In 1947, those employed in the Natural History Museum were assimilated into the ‘Scientific Civil Service’. The senior staff (Keepers etc) were placed in the Scientific Officer Class, while the Technical Assistants were in the Experimental Officer Class. It was virtually impossible to move between the two classes. Thus, while being indistinguishable in terms of scholarship from a Scientific Officer, Hayman remained in the Experimental Officer class until he retired. However, what was remarkable about him was the seniority he achieved within that four-point class.

In his history, The Natural History Museum at South Kensington, published in 1981, William Thomas Stearn (1911-2001) wrote of Hayman (while getting his birth date wrong by two years): ‘…who joined the Department in 1921 as a Boy Attendant and who retired in 1967 as a Chief Experimental Officer’. A Chief Experimental Officer was a very rare beast indeed. Career Grade was two grades below (Experimental Officer) and promotion even to Senior Experimental Officer was difficult and unusual.

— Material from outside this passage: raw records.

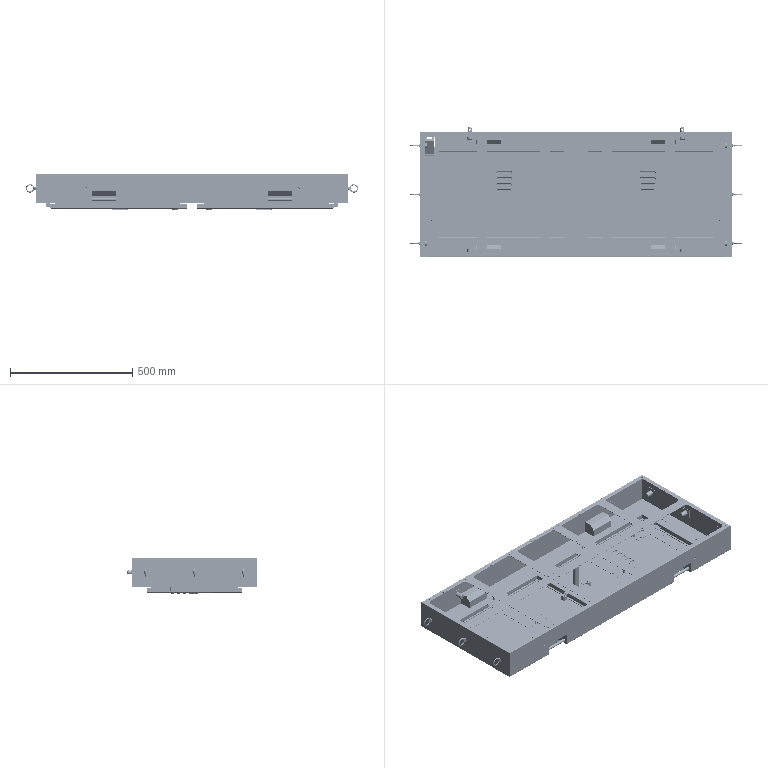Assembly | SolidWorks | mm | 99 component files | 197 solids | 6349 faces | box 1358.97 x 530.5 x 149.3 mm | volume 2529904 mm3 | plane 2960 | cylinder 2668 | spline 465 | cone 132 | torus 108 | sphere 16 | commonest cylinder face diameters 8 x438 9.619 x426 3 x332 5 x208 6 x184 9 x160 0.2 x132 4 x112
Bill of materials:
CL203-2-B | 4 |  | Rectangular block with rounded vertical edges and small edge rounds or chamfers, and two round holes in the top face, one near each end.
ControlCardMountingPlate | 1 |  | Thin flat rectangular plate with four short cylindrical bosses on one face and four smaller plain holes.
CL203-2-A | 4 |  | Rectangular block with rounded edges and a single cylindrical pin with a rounded tip sticking out of one face.
LeftDoorPanel | 1 |  | Shallow rectangular tray or pan with a thin base, a short upturned wall around the edge, a group of five parallel slots with rounded ends, one larger hole with flat sides, and small holes in one side wall.
LouverSupplement | 10 |  | Long, thin-walled, open half-shell or trough with rounded ends and a curved cross-section, like a capsule shape cut in half lengthwise.
Lock(MS407) | 2 |  | Short octagonal body sitting on a wider round flange with a conical underside. A small square boss with a center hole stands on the top face.
LockPlate | 2 |  | Flat strip with full-radius ends and a joggle (offset bend) partway along its length. A square through hole sits near one end.
WaterproofRubberStrip | 2 | BUTYL | Very thin, flat, rectangular frame (an outline shape with a large rectangular opening in the middle).
M10LiftingEye | 6 |  | Eye-type fitting: a round ring (torus) joined through a collar with a conical seat to a straight threaded shank.
M10LocatingPin | 2 |  | Turned part with a threaded shank, a short relief neck, and a larger cylindrical head with a chamfered end and a through hole running across it.
BoxSupport | 1 |  | Long, straight U-channel (C-shaped) profile with constant wall thickness and rounded inside and outside bends.
BSO-M3-10 | 2 |  | Cylindrical shank with a thin hexagonal flange or head at one end.
BSO-M3-20 | 12 |  | Plain cylindrical shank with a thin, wider hexagonal head at one end; the far end is flat.
CableTie | 19 |  | Constant-thickness strip bent into a hat (omega) profile: a raised flat crown, two sloped webs and two flat outer flanges, all with rounded bends.
Handle(Latest) | 4 |  | Sheet-metal bracket with a flat top panel and two folded-down end panels. The end panels have one chamfered corner. A solid cylindrical rod runs between the end panels below the top panel, and the bottom is open.
InletHole(New) | 1 |  | Sheet-metal piece bent into a triangular, tent-like prism with two flat outward flanges at the base. There is one round hole on the upper surface.
M10WaterproofStud | 10 |  | Solid stepped cylinder: a larger-diameter main body with a chamfered end edge and a shorter, smaller coaxial boss at the other end.
M10WaterproofStudWeldment | 10 |  | Flat square plate with a large central circular through-hole and four small circular through-holes near the corners.
M3RivetNut | 1 |  | Many very small, separate point-like bodies scattered in a regular grid-like pattern. There is no continuous solid shape.
P16Box | 1 |  | Large rectangular open frame or tray: perimeter walls surround a top grid of flat crossbars that form many rectangular openings. Small holes are spread along the bars, and there are round holes and rectangular notches in the walls.
Stiffener | 1 | AISI 1020 Steel, Cold Rolled | Grid of thin, slender bars: one long bar with four evenly spaced perpendicular bars crossing it.
PowerSupplyMountingPlate | 2 |  | Thin rectangular flat plate with four short cylindrical bosses near the corners, each with a centre hole, plus four small through-holes near the short edges.
RightDoorPanel | 1 |  | Shallow rectangular tray or cover: a flat panel with a low upturned flange around the edge. It has five parallel rounded-end slots, one rounded-square hole, and small holes in one flange.
Mates:
1. coincident | P16BoxWeldment-1/P16Box-1 face at (-69.394, 13.542, -50.6) dir (0, 0, -1) | CL203-2-B-1 face at (513.608, -116.478, -50.6) dir (0, 0, 1)
2. concentric | P16BoxWeldment-1/P16Box-1 edge at (520.108, -92.228, -50.6) dir (0, 0, -1) r 2.75 | CL203-2-B-1 edge at (520.108, -92.228, -50.6) dir (0, 0, 1) r 2.5
3. concentric | P16BoxWeldment-1/P16Box-1 edge at (520.108, -111.228, -49.4) dir (0, 0, -1) r 2.75 | CL203-2-B-1 edge at (520.108, -111.228, -50.6) dir (0, 0, 1) r 2.5
4. coincident | P16BoxWeldment-1/P16Box-1 face at (-69.394, 13.542, -50.6) dir (0, 0, -1) | CL203-2-B-2 face at (513.608, 81.062, -50.6) dir (0, 0, 1)
5. concentric | P16BoxWeldment-1/P16Box-1 edge at (520.108, 105.312, -50.6) dir (0, 0, -1) r 2.75 | CL203-2-B-2 edge at (520.108, 105.312, -50.6) dir (0, 0, 1) r 2.5
6. concentric | P16BoxWeldment-1/P16Box-1 edge at (520.108, 86.312, -49.4) dir (0, 0, -1) r 2.75 | CL203-2-B-2 edge at (520.108, 86.312, -50.6) dir (0, 0, 1) r 2.5
7. coincident | P16BoxWeldment-1/P16Box-1 face at (-69.394, 13.542, -50.6) dir (0, 0, -1) | CL203-2-B-3 face at (-665.396, 81.062, -50.6) dir (0, 0, 1)
8. concentric | P16BoxWeldment-1/P16Box-1 edge at (-658.896, 105.312, -50.6) dir (0, 0, -1) r 2.75 | CL203-2-B-3 edge at (-658.896, 105.312, -50.6) dir (0, 0, 1) r 2.5
9. concentric | P16BoxWeldment-1/P16Box-1 edge at (-658.896, 86.312, -49.4) dir (0, 0, -1) r 2.75 | CL203-2-B-3 edge at (-658.896, 86.312, -50.6) dir (0, 0, 1) r 2.5
10. coincident | P16BoxWeldment-1/P16Box-1 face at (-69.394, 13.542, -50.6) dir (0, 0, -1) | CL203-2-B-4 face at (-665.396, -116.478, -50.6) dir (0, 0, 1)
11. concentric | P16BoxWeldment-1/P16Box-1 edge at (-658.896, -92.228, -50.6) dir (0, 0, -1) r 2.75 | CL203-2-B-4 edge at (-658.896, -92.228, -50.6) dir (0, 0, 1) r 2.5
12. concentric | P16BoxWeldment-1/P16Box-1 edge at (-658.896, -111.228, -49.4) dir (0, 0, -1) r 2.75 | CL203-2-B-4 edge at (-658.896, -111.228, -50.6) dir (0, 0, 1) r 2.5
13. coincident | P16BoxWeldment-1/P16Box-1 face at (-69.394, 268.792, 68.2) dir (0, 1, 0) | M10LocatingPin-1 face at (370.106, 268.792, 9.4) dir (0, -1, 0)
14. concentric | P16BoxWeldment-1/M10WaterproofNutWeldment-2/M10WaterproofStud-1 edge at (365.606, 268.792, 9.4) dir (0, -1, 0) r 6.85 | M10LocatingPin-1 edge at (365.606, 285.292, 9.4) dir (0, -1, 0) r 8
15. coincident | P16BoxWeldment-1/P16Box-1 face at (-69.394, 268.792, 68.2) dir (0, 1, 0) | M10LocatingPin-3 face at (-499.894, 268.792, 9.4) dir (0, -1, 0)
16. concentric | P16BoxWeldment-1/M10WaterproofNutWeldment-1/M10WaterproofStud-1 edge at (-504.394, 268.792, 9.4) dir (0, -1, 0) r 5.3 | M10LocatingPin-3 edge at (-504.394, 285.292, 9.4) dir (0, -1, 0) r 8
17. concentric | CL203-2-B-1 edge at (520.108, -85.478, -60.6) dir (0, -1, 0) r 3.25 | LeftDoorPanelAssembly-1/CL203-2-A-1 edge at (520.108, -98.478, -60.6) dir (0, 1, 0) r 2.5
18. coincident | CL203-2-B-1 face at (527.608, -85.478, -50.6) dir (0, 1, 0) | LeftDoorPanelAssembly-1/CL203-2-A-1 face at (510.108, -85.478, -53.1) dir (0, -1, 0)
19. concentric | CL203-2-B-4 edge at (-658.896, -85.478, -60.6) dir (0, -1, 0) r 3.25 | RightDoorPanelAssembly-1/CL203-2-A-1 edge at (-658.896, -98.478, -60.6) dir (0, 1, 0) r 2.5
20. coincident | CL203-2-B-4 face at (-651.396, -85.478, -50.6) dir (0, 1, 0) | RightDoorPanelAssembly-1/CL203-2-A-1 face at (-648.896, -85.478, -68.1) dir (0, -1, 0)
21. coincident | P16BoxWeldment-1/BSO-M3-20-17 face at (46.106, 91.707, 49.4) dir (0, 0, -1) | PowerSupplyMountingPlate-3 face at (113.731, -28.293, 49.4) dir (0, 0, 1)
22. concentric | P16BoxWeldment-1/BSO-M3-20-17 edge at (46.106, 91.707, 49.4) dir (0, 0, -1) r 1.5 | PowerSupplyMountingPlate-3 edge at (46.106, 91.707, 48.2) dir (0, 0, 1) r 2
23. concentric | P16BoxWeldment-1/BSO-M3-20-18 edge at (71.106, 91.707, 49.4) dir (0, 0, -1) r 1.5 | PowerSupplyMountingPlate-3 edge at (71.106, 91.707, 48.2) dir (0, 0, 1) r 2
24. coincident | P16BoxWeldment-1/BSO-M3-20-17 face at (46.106, 91.707, 49.4) dir (0, 0, -1) | PowerSupplyMountingPlate-4 face at (-398.269, -28.293, 49.4) dir (0, 0, 1)
25. concentric | P16BoxWeldment-1/BSO-M3-20-13 edge at (-465.894, 91.707, 49.4) dir (0, 0, -1) r 1.5 | PowerSupplyMountingPlate-4 edge at (-465.894, 91.707, 48.2) dir (0, 0, 1) r 2
26. concentric | P16BoxWeldment-1/BSO-M3-20-14 edge at (-440.894, 91.707, 49.4) dir (0, 0, -1) r 1.5 | PowerSupplyMountingPlate-4 edge at (-440.894, 91.707, 48.2) dir (0, 0, 1) r 2
27. coincident | P16BoxWeldment-1/BSO-M3-20-23 face at (374.606, 26.042, 49.4) dir (0, 0, -1) | ControlCardMountingPlate-1 face at (314.606, 56.042, 49.4) dir (0, 0, 1)
28. concentric | P16BoxWeldment-1/BSO-M3-20-23 edge at (374.606, 26.042, 49.4) dir (0, 0, -1) r 2.7 | ControlCardMountingPlate-1 edge at (374.606, 26.042, 48.2) dir (0, 0, -1) r 2
29. concentric | P16BoxWeldment-1/BSO-M3-20-24 edge at (374.606, 1.042, 49.4) dir (0, 0, -1) r 2.7 | ControlCardMountingPlate-1 edge at (374.606, 1.042, 48.2) dir (0, 0, -1) r 2
30. coincident | P16BoxWeldment-1/P16Box-1 face at (-708.644, 13.542, 68.2) dir (-1, 0, 0) | M10LiftingEye-1 face at (-708.644, 213.542, 9.4) dir (1, 0, 0)
31. concentric | P16BoxWeldment-1/M10WaterproofNutWeldment-7/M10WaterproofStud-1 edge at (-708.544, 213.542, 9.4) dir (1, 0, 0) r 6.95 | M10LiftingEye-1 edge at (-708.644, 213.542, 9.4) dir (1, 0, 0) r 5.5
32. coincident | P16BoxWeldment-1/P16Box-1 face at (-708.644, 13.542, 68.2) dir (-1, 0, 0) | M10LiftingEye-2 face at (-708.644, 13.542, 9.4) dir (1, 0, 0)
33. concentric | P16BoxWeldment-1/M10WaterproofNutWeldment-8/M10WaterproofStud-1 edge at (-708.644, 13.542, 9.4) dir (1, 0, 0) r 5.3 | M10LiftingEye-2 edge at (-708.644, 13.542, 9.4) dir (1, 0, 0) r 5.5
34. coincident | P16BoxWeldment-1/P16Box-1 face at (-708.644, 13.542, 68.2) dir (-1, 0, 0) | M10LiftingEye-3 face at (-708.644, -186.458, 9.4) dir (1, 0, 0)
35. concentric | P16BoxWeldment-1/M10WaterproofNutWeldment-9/M10WaterproofStud-1 edge at (-708.644, -186.458, 9.4) dir (1, 0, 0) r 5.3 | M10LiftingEye-3 edge at (-708.644, -186.458, 9.4) dir (1, 0, 0) r 5.5
36. coincident | P16BoxWeldment-1/P16Box-1 face at (569.856, 13.542, 68.2) dir (1, 0, 0) | M10LiftingEye-4 face at (569.856, 213.542, 9.4) dir (-1, 0, 0)
37. concentric | P16BoxWeldment-1/M10WaterproofNutWeldment-12/M10WaterproofStud-1 edge at (569.756, 213.542, 9.4) dir (-1, 0, 0) r 6.95 | M10LiftingEye-4 edge at (569.856, 213.542, 9.4) dir (-1, 0, 0) r 5.5
38. coincident | P16BoxWeldment-1/P16Box-1 face at (569.856, 13.542, 68.2) dir (1, 0, 0) | M10LiftingEye-5 face at (569.856, 13.542, 9.4) dir (-1, 0, 0)
39. concentric | P16BoxWeldment-1/M10WaterproofNutWeldment-11/M10WaterproofStud-1 edge at (569.756, 13.542, 9.4) dir (-1, 0, 0) r 6.95 | M10LiftingEye-5 edge at (569.856, 13.542, 9.4) dir (-1, 0, 0) r 5.5
40. coincident | P16BoxWeldment-1/P16Box-1 face at (569.856, 13.542, 68.2) dir (1, 0, 0) | M10LiftingEye-6 face at (569.856, -186.458, 9.4) dir (-1, 0, 0)
41. concentric | P16BoxWeldment-1/M10WaterproofNutWeldment-10/M10WaterproofStud-1 edge at (569.756, -186.458, 9.4) dir (-1, 0, 0) r 6.95 | M10LiftingEye-6 edge at (569.856, -186.458, 9.4) dir (-1, 0, 0) r 5.5
42. coincident | LeftDoorPanelAssembly-1/LeftDoorPanelWeldment-1/LeftDoorPanel-1 face at (230.358, 13.542, -73.1) dir (0, 0, -1) | RightDoorPanelAssembly-1/RightDoorPanelWeldment-1/RightDoorPanel-1 face at (-369.146, 227.042, -73.1) dir (0, 0, -1)
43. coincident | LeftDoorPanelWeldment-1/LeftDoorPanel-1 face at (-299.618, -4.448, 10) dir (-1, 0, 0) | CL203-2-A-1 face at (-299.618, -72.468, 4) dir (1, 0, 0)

Hayman must not only have been very highly regarded within the Museum itself but also by those on the external promotion and grading panels that controlled the promotion system.

Had Hayman retired 4 years later he would have found himself a Scientific Officer when the two classes were merged in 1971 as a result of the Fulton Report. He would have found himself a Principal Scientific Officer, the career grade for the former Scientific Officer Class.

Incidentally, it is somewhat paradoxical that dead animals in British museums are looked after by Curators under the direction of Keepers while live animals in zoos are looked after by Keepers under the direction of Curators.  The opportunities for solecisms by an unsuspecting visitor to the museum world are great. I was told the story of an animal dealer who took some frogs to the Museum to be identified. While there he reported to his friends ‘a bloke came in and said he was a Keeper. He had a lovely suit on. I don’t know how he could afford that on a keeper’s wages’.

ROBERT WILLIAM HAYMAN  FLS died on 25 February 1985. He was then living at 71 Mill Street, Ottery St Mary in Devon, eight miles from where his father was born.


Beolens B, Watkins M, Grayson M. 2009. The Eponym Dictionary of Mammals. Baltimore: Johns Hopkins University Press.

Hayman RW. 1935: On a collection of mammals from the Gold Coast. Proceedings of the Zoological Society of London.1935, 915-937.

Wheeler A. 2000. The zoological collections of the British Museum (Natural History) - evacuation of the collections during the war years 1939-1945. Archives of Natural History 27, 115-122.